Knowing the symmetry of a complex confers information about the 3-D arrangement of the subunits that is not provided by the graph representation. For example, there are two symmetric ways to arrange the subunits of a homotetramer. One is with a cyclic symmetry, in which the four subunits are related by a single 4-fold axis, called C4 symmetry, as shown in Figure 6. The other is a dihedral symmetry in which the four subunits are related by three 2-fold axes, called D2 symmetry (Figure 6). A priori, one cannot distinguish the two symmetry types from the graph representation alone. To assess whether the graph representation suffices to account for the spatial arrangement of the subunits, we asked whether QSs might contain complexes with different symmetries.

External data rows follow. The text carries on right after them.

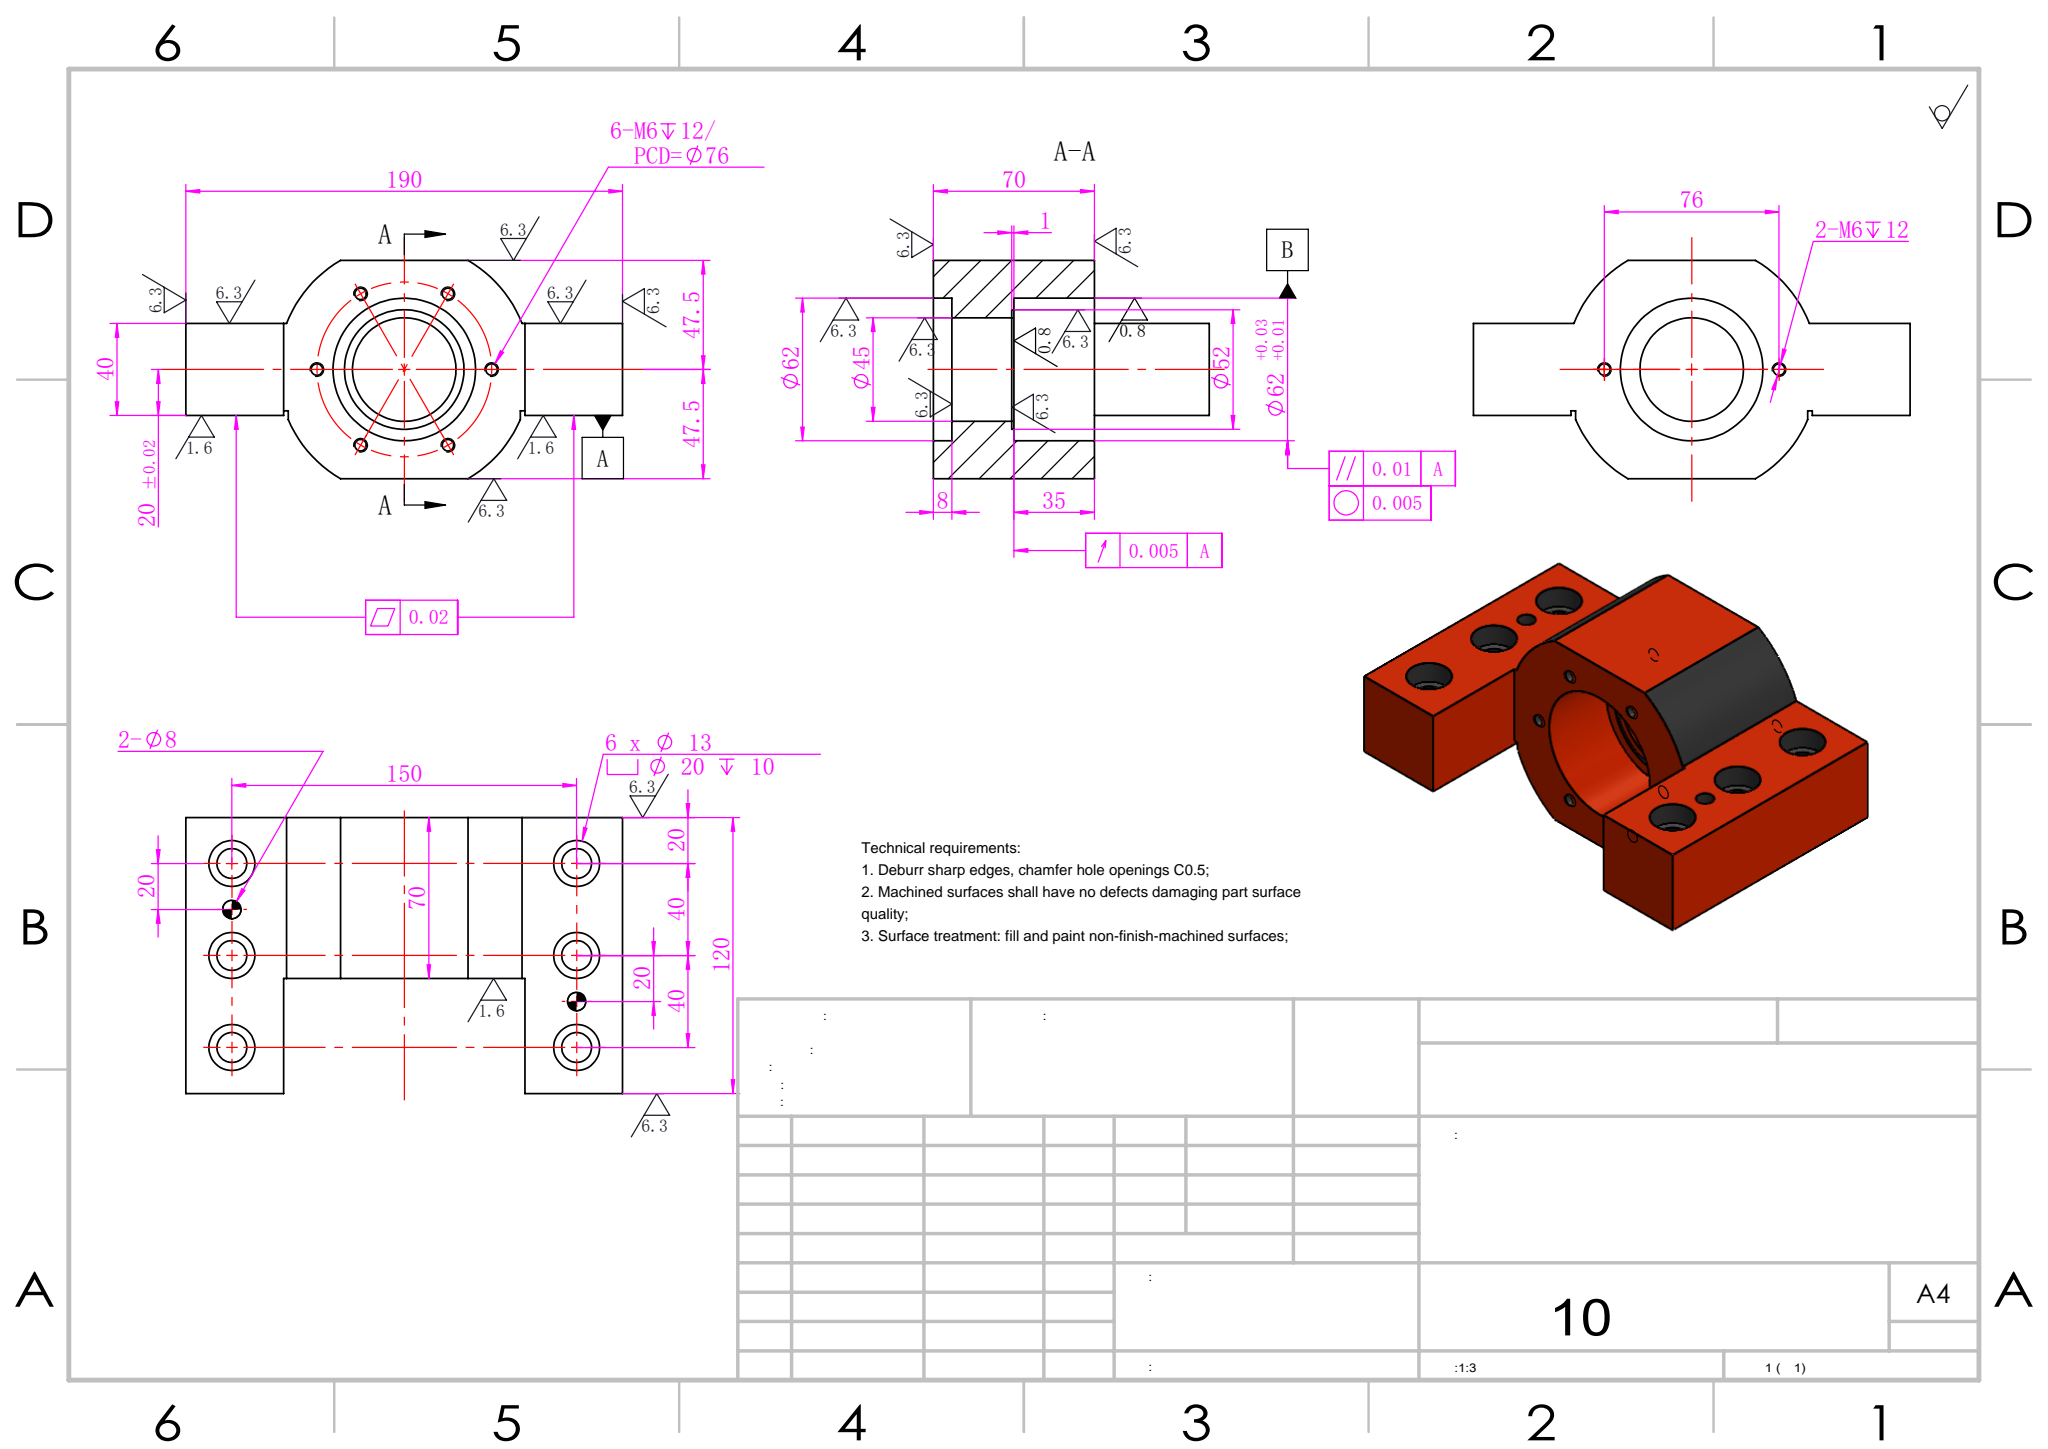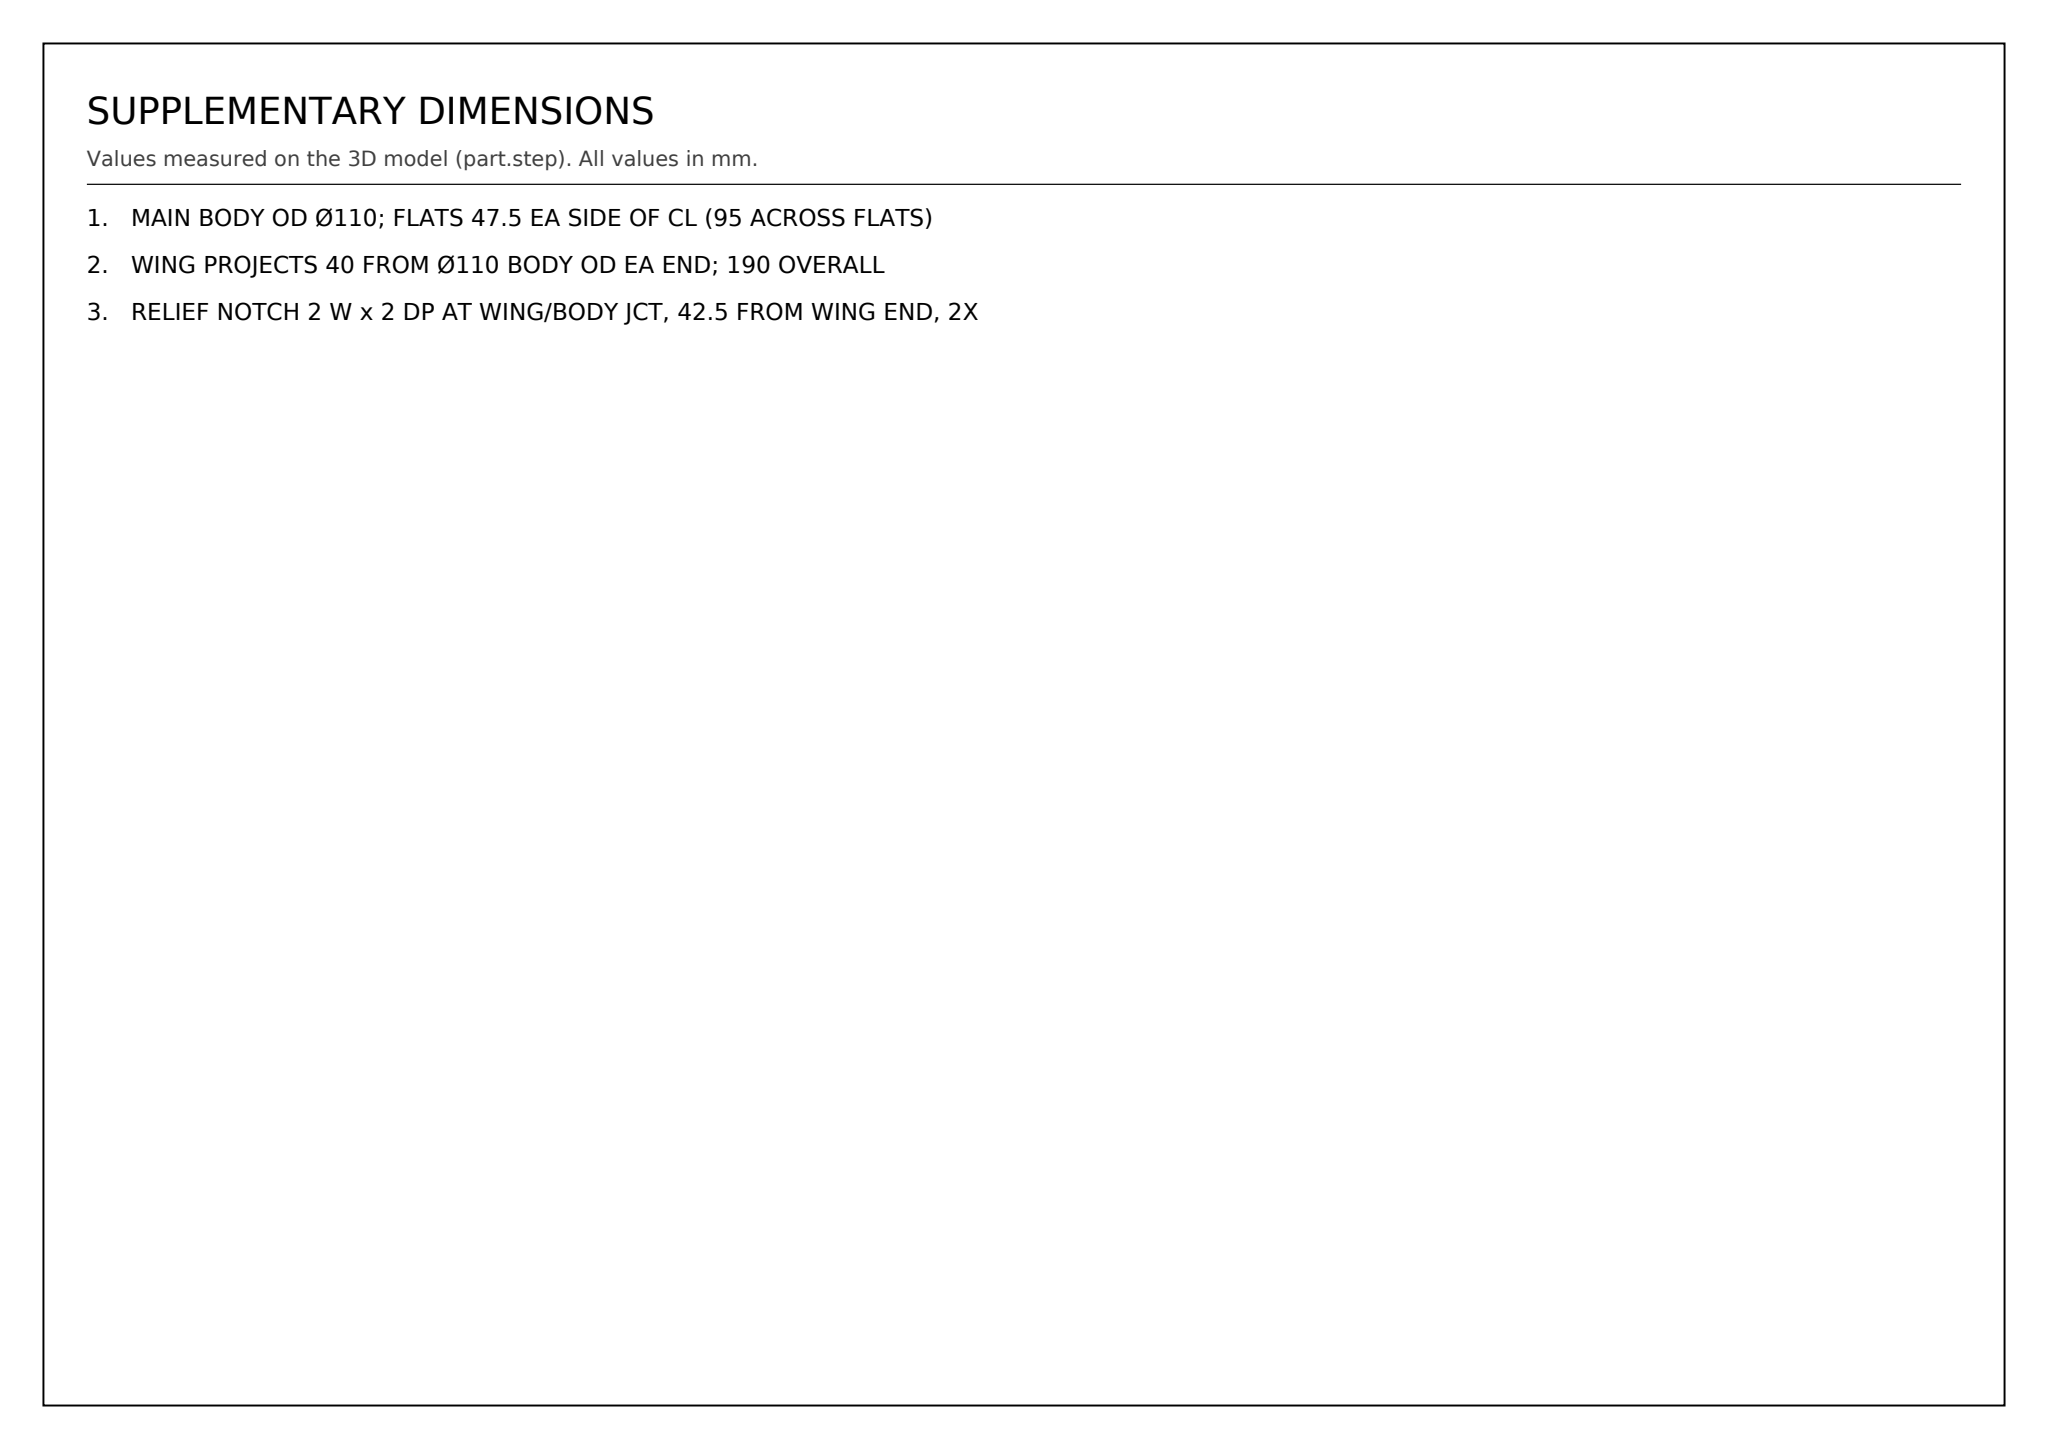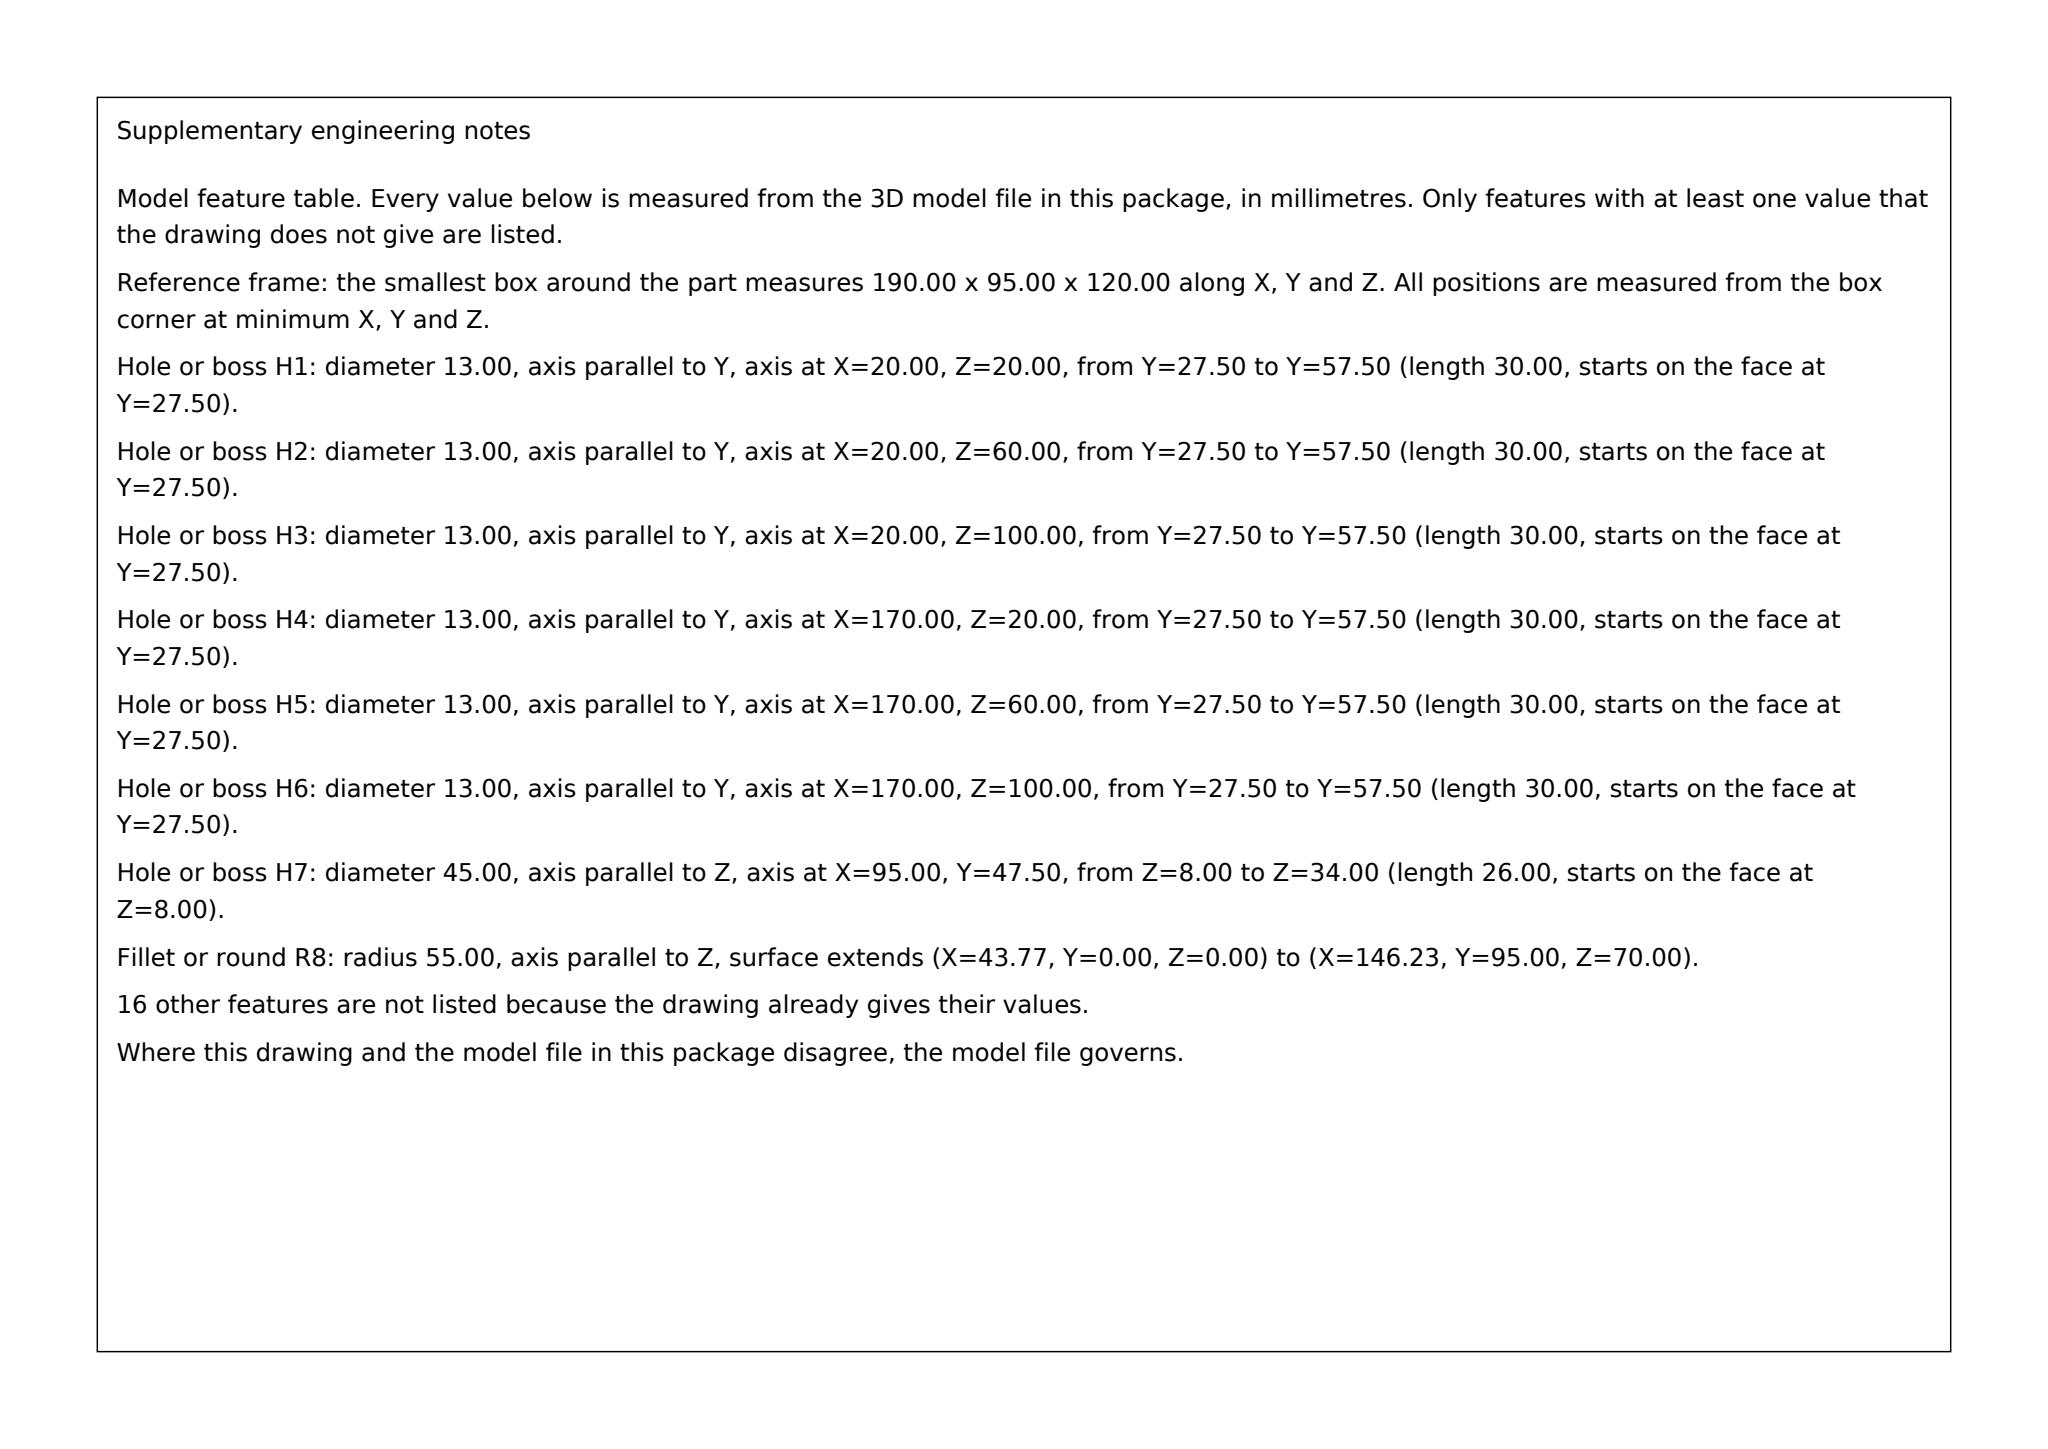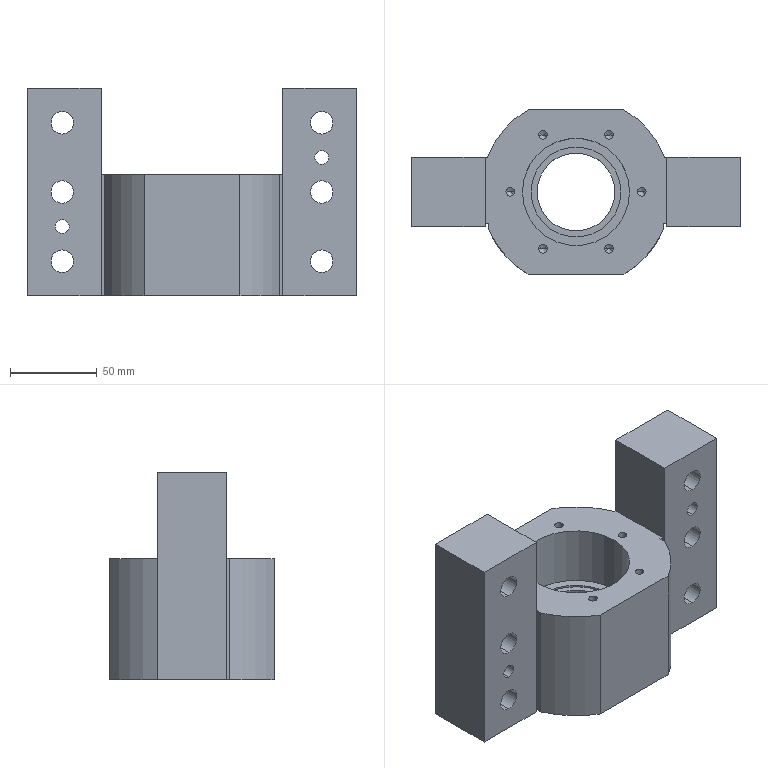Part | SolidWorks | mm | 1 solid | 99 faces | box 190 x 95 x 120 mm | volume 803165 mm3 | cylinder 56 | plane 27 | cone 16 | commonest cylinder face diameters 5 x16 20 x12 13 x12 8 x4 62 x4 110 x4 52 x2 45 x2
Drawing notes:
MAIN BODY OD Ø110; FLATS 47.5 EA SIDE OF CL (95 ACROSS FLATS) | from the solid: cylinder dia 110, axis z at (95,47.5), len 70; y-planes 0 and 95 give 47.5 ea side of CL
WING PROJECTS 40 FROM Ø110 BODY OD EA END; 190 OVERALL | from the solid: bbox x=190, body Ø110 centered x=95 -> body spans 40..150, wing 40 ea end
RELIEF NOTCH 2 W x 2 DP AT WING/BODY JCT, 42.5 FROM WING END, 2X | from the solid: x-planes 42.5/44.5 and 145.5/147.5; wing face y=27.5, notch floor y=29.5
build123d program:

We calculated the symmetries and pseudosymmetries for all structures, as described briefly above and in detail in Methods. We classify complexes into two categories related to symmetry. We distinguish between complexes that can or cannot be symmetrical on the basis of their polypeptide chain composition. For example, homodimers can be symmetrical, while heterodimers of nonhomologous chains cannot. This is explained in more detail in Methods. Furthermore, QSs with multiple complexes can contain several different symmetry types, while those with just one complex clearly cannot.
We will see below that only a small fraction of QSs contain complexes with different symmetries, which provides support for our use of the 2-D graph representation for comparison of 3-D complexes. In other words, in most cases, a single QS graph represents complexes that all have the same symmetry type.
First, we looked for disagreement in the symmetries amongst complexes within a QS to identify errors or unusual complexes. Among the 841 QSs with a possible symmetry and containing multiple complexes, we found that 109 QSs (13%) contained mixed symmetry types. A manual inspection revealed that 93 of these cases are in fact due to a mix between presence and absence of symmetry in the complexes of each QS. The reason for the absence of symmetry is either biological, for example due to a conformational change (16 cases), or due to an error in the PDB Biological Unit (42 cases). There were also two cases of a false negative result in our symmetry search procedure and 33 ambiguous cases that we were unable to resolve. There are a further 16 QSs with two different symmetry types. Of these, seven are true biological cases, five are errors in the PDB Biological Unit, and three are unresolved. The PDB codes of likely erroneous Biological Units are provided in Table S2A and S2B.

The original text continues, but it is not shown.